Front. Pharmacol., 16 February 2022
Sec. Gastrointestinal and Hepatic Pharmacology
This article is part of the Research Topic Alcohol Consumption and Liver Diseases: from Pathology to Phytotherapy View all 9 articles

Editorial: Alcohol Consumption and Liver Diseases: From Pathology to Phytotherapy

  • 1School of Public Health, Zhejiang Chinese Medical University, Hangzhou, China
  • 2Department of Kinesiology and Nutrition, University of Illinois at Chicago, Chicago, IL, United States
  • 3School of Public Health, Tongji Medical College, Huazhong University of Science & Technology, Wuhan, China
  • 4The Cancer Hospital of the University of Chinese Academy of Sciences (Zhejiang Cancer Hospital), Institute of Basic Medicine and Cancer (IBMC), Chinese Academy of Sciences, Hangzhou, China

Globally, there are 2.4 billion people who consume alcohol with a high proportion of 39.5% of heavy episodic drinkers among them (GBD 2016 Alcohol Collaborators, 2018). Emerging evidence showed that harmful alcohol consumption is associated with more than 200 diseases and injuries, and leads to 3.3 million deaths worldwide annually (Seitz et al., 2018). As an important site for alcohol metabolism, the liver becomes the main target organ of chronic and heavy alcohol consumption-induced injury, which is referred to as alcoholic liver disease (ALD). The spectrum of ALD develops from steatosis to steatohepatitis, with some individuals ultimately progressing to fibrosis, cirrhosis, and even hepatocellular carcinoma. The perniciousness of ALD has not attracted enough attention, since the incidence rate of ALD in the population is much less than that of other liver diseases, such as non-alcoholic fatty liver disease. But in fact, ALD is the main source of terminal liver disease in clinic. Alcohol is responsible for about 25% of cirrhosis deaths and 30% of all liver cancer deaths annually (Asrani et al., 2021). Considering the significance of ALD on public health, Frontiers in Pharmacology organized this Research Topic entitled “Alcohol Consumption and Liver Diseases: from Pathology to Phytotherapy” to present recent advances in this field.

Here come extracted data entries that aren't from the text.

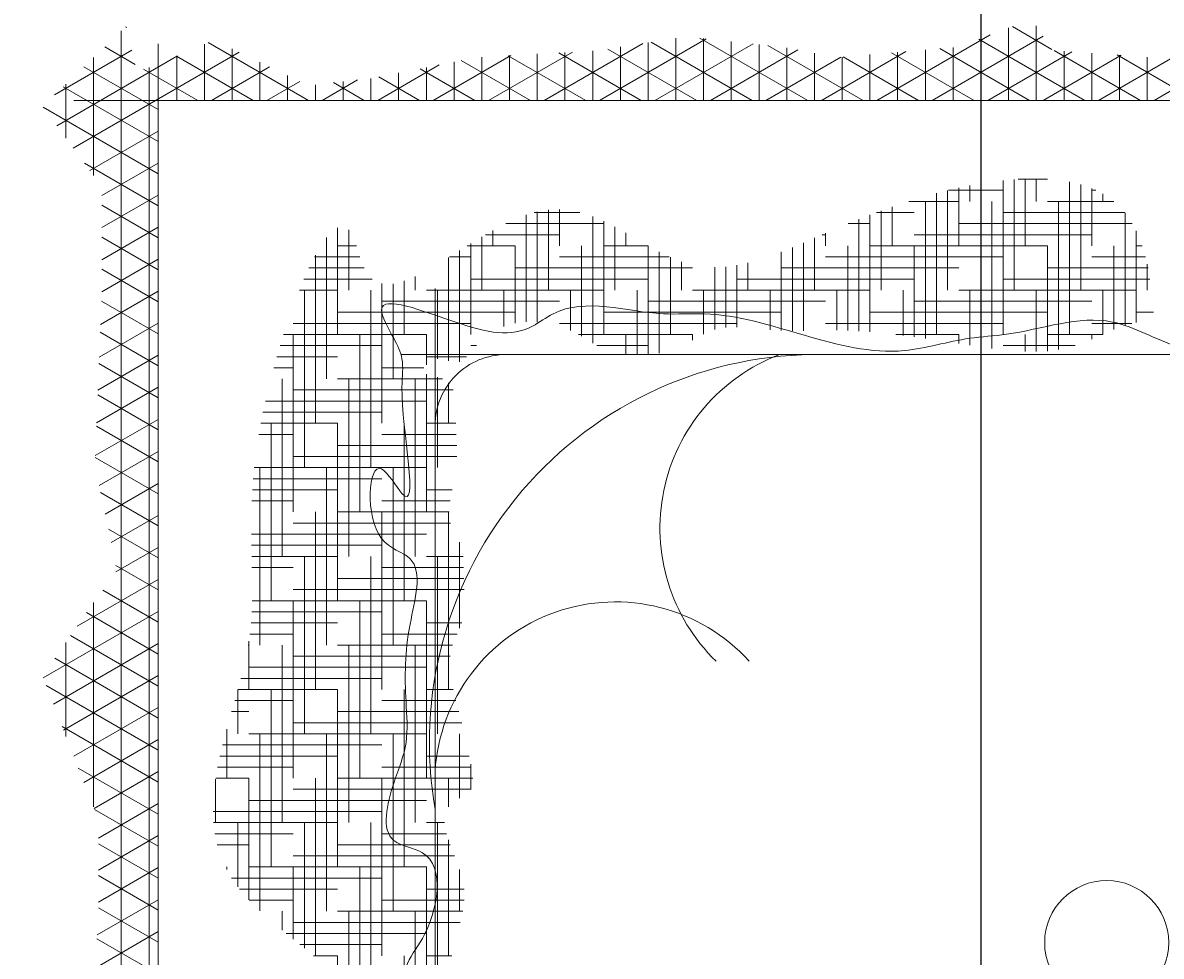
# Model space of a CAD drawing. Units: inches. Extents: x 3731 to 4318, y 1310 to 2388.
# Tile 12 of 57: x 3985 to 4038, y 1420 to 1463. Entities that reach past the tile are written whole.
import ezdxf

# ---------------------------------------------------------------- set-up
doc = ezdxf.new("R2010")
doc.units = ezdxf.units.IN
doc.layers.add('A-ANNO-DIMS', color=2, linetype='Continuous', lineweight=18)
doc.layers.add('A-FURN', color=8, linetype='Continuous', lineweight=13)
doc.styles.get("Standard").update_dxf_attribs({"font": 'arial.ttf'})
doc.dimstyles.get("Standard").update_dxf_attribs({"dimtxt": 0.18, "dimasz": 0.18, "dimexe": 0.18, "dimexo": 0.0625, "dimgap": 0.09, "dimtad": 0, "dimtih": 1, "dimtoh": 1, "dimdec": 4, "dimzin": 0, "dimdsep": 46, "dimtxsty": 'Standard', "dimcen": 0.09, "dimadec": 0, "dimazin": 0, "dimtfac": 1, "dimtdec": 4, "dimtofl": 0, "dimtmove": 0, "dimatfit": 3, "dimfxl": 1, "dimtolj": 1, "dimtzin": 0, "dimarcsym": 0})

# ---------------------------------------------------------------- blocks, each defined once
blk = doc.blocks.new('A$C200C7901')
for p, q in [((2.3121, 1.6596), (2.3121, 0.0201)), ((2, 0.2957), (2, 1.2957)), ((2.0224, 0.9977), (2.0224, 1.1977)), ((2.0224, 0.9977), (2.0224, 1.1977)), ((1.9974, 0.5977), (1.9974, 0.7977)), ((1.9974, 0.5977), (1.9974, 0.7977)), ((2.0724, 0.5977), (2.0724, 0.7977)), ((2.0724, 0.5977), (2.0724, 0.7977)), ((2.1474, 0.5977), (2.1474, 0.7977)), ((2.1474, 0.5977), (2.1474, 0.7977)), ((1.9849, 0.5477), (1.9849, 0.7477)), ((1.9849, 0.5477), (1.9849, 0.7477)), ((2.0599, 0.5477), (2.0599, 0.7477)), ((2.0599, 0.5477), (2.0599, 0.7477)), ((2.1349, 0.5477), (2.1349, 0.7477)), ((2.1349, 0.5477), (2.1349, 0.7477)), ((0.4061, 0.3703), (2.0386, 0.3703)), ((2.4073, 0.0839), (0.9625, 0.0839))]:
    blk.add_line(p, q)
at = {"linetype": 'ByBlock'}
for p, q in [((2.3224, 0.0468), (2.3224, 1.6627)), ((2.3224, 0.0468), (2.3224, 1.6627)), ((2.3537, 0.0056), (2.3537, 1.634)), ((2.3537, 0.0056), (2.3537, 1.634)), ((2.0349, 1.0477), (2.0349, 1.2477)), ((2.0349, 1.0477), (2.0349, 1.2477)), ((2.0099, 0.9477), (2.0099, 1.1477)), ((2.0099, 0.9477), (2.0099, 1.1477)), ((2.0849, 0.9477), (2.0849, 1.1477)), ((2.0849, 0.9477), (2.0849, 1.1477)), ((1.9974, 0.8977), (1.9974, 1.0977)), ((1.9974, 0.8977), (1.9974, 1.0977)), ((2.0724, 0.8977), (2.0724, 1.0977)), ((2.0724, 0.8977), (2.0724, 1.0977)), ((2.0974, 0.9977), (2.0974, 1.0909)), ((2.0974, 0.9977), (2.0974, 1.0909)), ((2.1099, 1.0477), (2.1099, 1.0729)), ((2.1099, 1.0477), (2.1099, 1.0729)), ((2.3121, 1.0686), (2.3813, 1.0286)), ((2.3121, 1.0686), (2.3813, 1.0286)), ((2.3121, 1.0206), (2.3851, 1.0628)), ((2.3121, 1.0206), (2.3851, 1.0628)), ((1.981, 1.0477), (2.0099, 1.0477)), ((1.981, 1.0477), (2.0099, 1.0477)), ((1.9849, 0.9171), (1.9849, 1.0477)), ((1.9849, 0.9171), (1.9849, 1.0477)), ((2.0599, 0.8477), (2.0599, 1.0477)), ((2.0599, 0.8477), (2.0599, 1.0477)), ((2.1099, 1.0477), (2.137, 1.0477)), ((2.1099, 1.0477), (2.137, 1.0477)), ((2.1349, 0.8477), (2.1349, 1.0477)), ((2.1349, 0.8477), (2.1349, 1.0477)), ((2.0599, 1.0352), (2.1523, 1.0352)), ((2.0599, 1.0352), (2.1523, 1.0352)), ((2.1474, 0.8977), (2.1474, 1.0391)), ((2.1474, 0.8977), (2.1474, 1.0391)), ((2.1599, 0.9477), (2.1599, 1.029)), ((2.1599, 0.9477), (2.1599, 1.029)), ((2.3121, 1.0325), (2.3795, 0.9936)), ((2.3121, 1.0325), (2.3795, 0.9936)), ((2.0099, 1.0227), (2.1678, 1.0227)), ((2.0099, 1.0227), (2.1678, 1.0227)), ((2.1724, 0.9977), (2.1724, 1.0189)), ((2.1724, 0.9977), (2.1724, 1.0189)), ((2.3121, 0.9846), (2.3809, 1.0242)), ((2.3121, 0.9846), (2.3809, 1.0242)), ((1.9718, 1.0102), (2.1599, 1.0102)), ((1.9718, 1.0102), (2.1599, 1.0102)), ((1.9688, 0.9977), (2.1099, 0.9977)), ((1.9688, 0.9977), (2.1099, 0.9977)), ((1.9724, 0.9504), (1.9724, 0.9977)), ((1.9724, 0.9504), (1.9724, 0.9977)), ((2.0474, 0.7977), (2.0474, 0.9977)), ((2.0474, 0.7977), (2.0474, 0.9977)), ((2.1224, 0.7977), (2.1224, 0.9977)), ((2.1224, 0.7977), (2.1224, 0.9977)), ((2.1974, 0.7977), (2.1974, 0.9972)), ((2.1974, 0.7977), (2.1974, 0.9972)), ((2.3121, 0.9964), (2.3795, 0.9575)), ((2.3121, 0.9964), (2.3795, 0.9575)), ((1.9671, 0.9852), (2.0599, 0.9852)), ((1.9671, 0.9852), (2.0599, 0.9852)), ((2.1599, 0.9852), (2.2095, 0.9852)), ((2.1599, 0.9852), (2.2095, 0.9852)), ((2.2099, 0.8477), (2.2099, 0.9848)), ((2.2099, 0.8477), (2.2099, 0.9848)), ((2.3121, 0.9485), (2.3795, 0.9874)), ((2.3121, 0.9485), (2.3795, 0.9874)), ((1.9672, 0.9727), (2.0099, 0.9727)), ((1.9672, 0.9727), (2.0099, 0.9727)), ((2.1099, 0.9727), (2.2204, 0.9727)), ((2.1099, 0.9727), (2.2204, 0.9727)), ((2.2224, 0.8977), (2.2224, 0.9702)), ((2.2224, 0.8977), (2.2224, 0.9702)), ((2.0599, 0.9602), (2.2294, 0.9602)), ((2.0599, 0.9602), (2.2294, 0.9602)), ((2.2349, 0.9477), (2.2349, 0.9506)), ((2.2349, 0.9477), (2.2349, 0.9506)), ((2.3121, 0.9603), (2.3795, 0.9215)), ((2.3121, 0.9603), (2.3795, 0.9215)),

Pathological Mechanism of Alcoholic Liver Disease

During the past decades, progress has been made on the understanding of pathological mechanism(s) of ALD. Ethanol oxidation by alcohol dehydrogenase and aldehyde dehydrogenase leads to a reduction of the NAD+/NADH ratio, and then disturbs fatty acid oxidation, glycolysis and glucogenesis, and the tricarboxylic acid cycle, contributing to hepatic steatosis; meanwhile, ethanol oxidation by the microsomal ethanol oxidizing system causes excessive reactive oxygen species generation, which further attacks biological macromolecules resulting in liver injury (Ceni et al., 2014). Emerging evidence shows that alcohol-mediated modification on intracellular biological macromolecules, such as RNA, DNA, and protein, as well as epigenetic modification, contributes to the development of ALD (Smathers et al., 2011; Chen et al., 2020; Dou et al., 2020; Dou et al., 2021; Zhang et al., 2021).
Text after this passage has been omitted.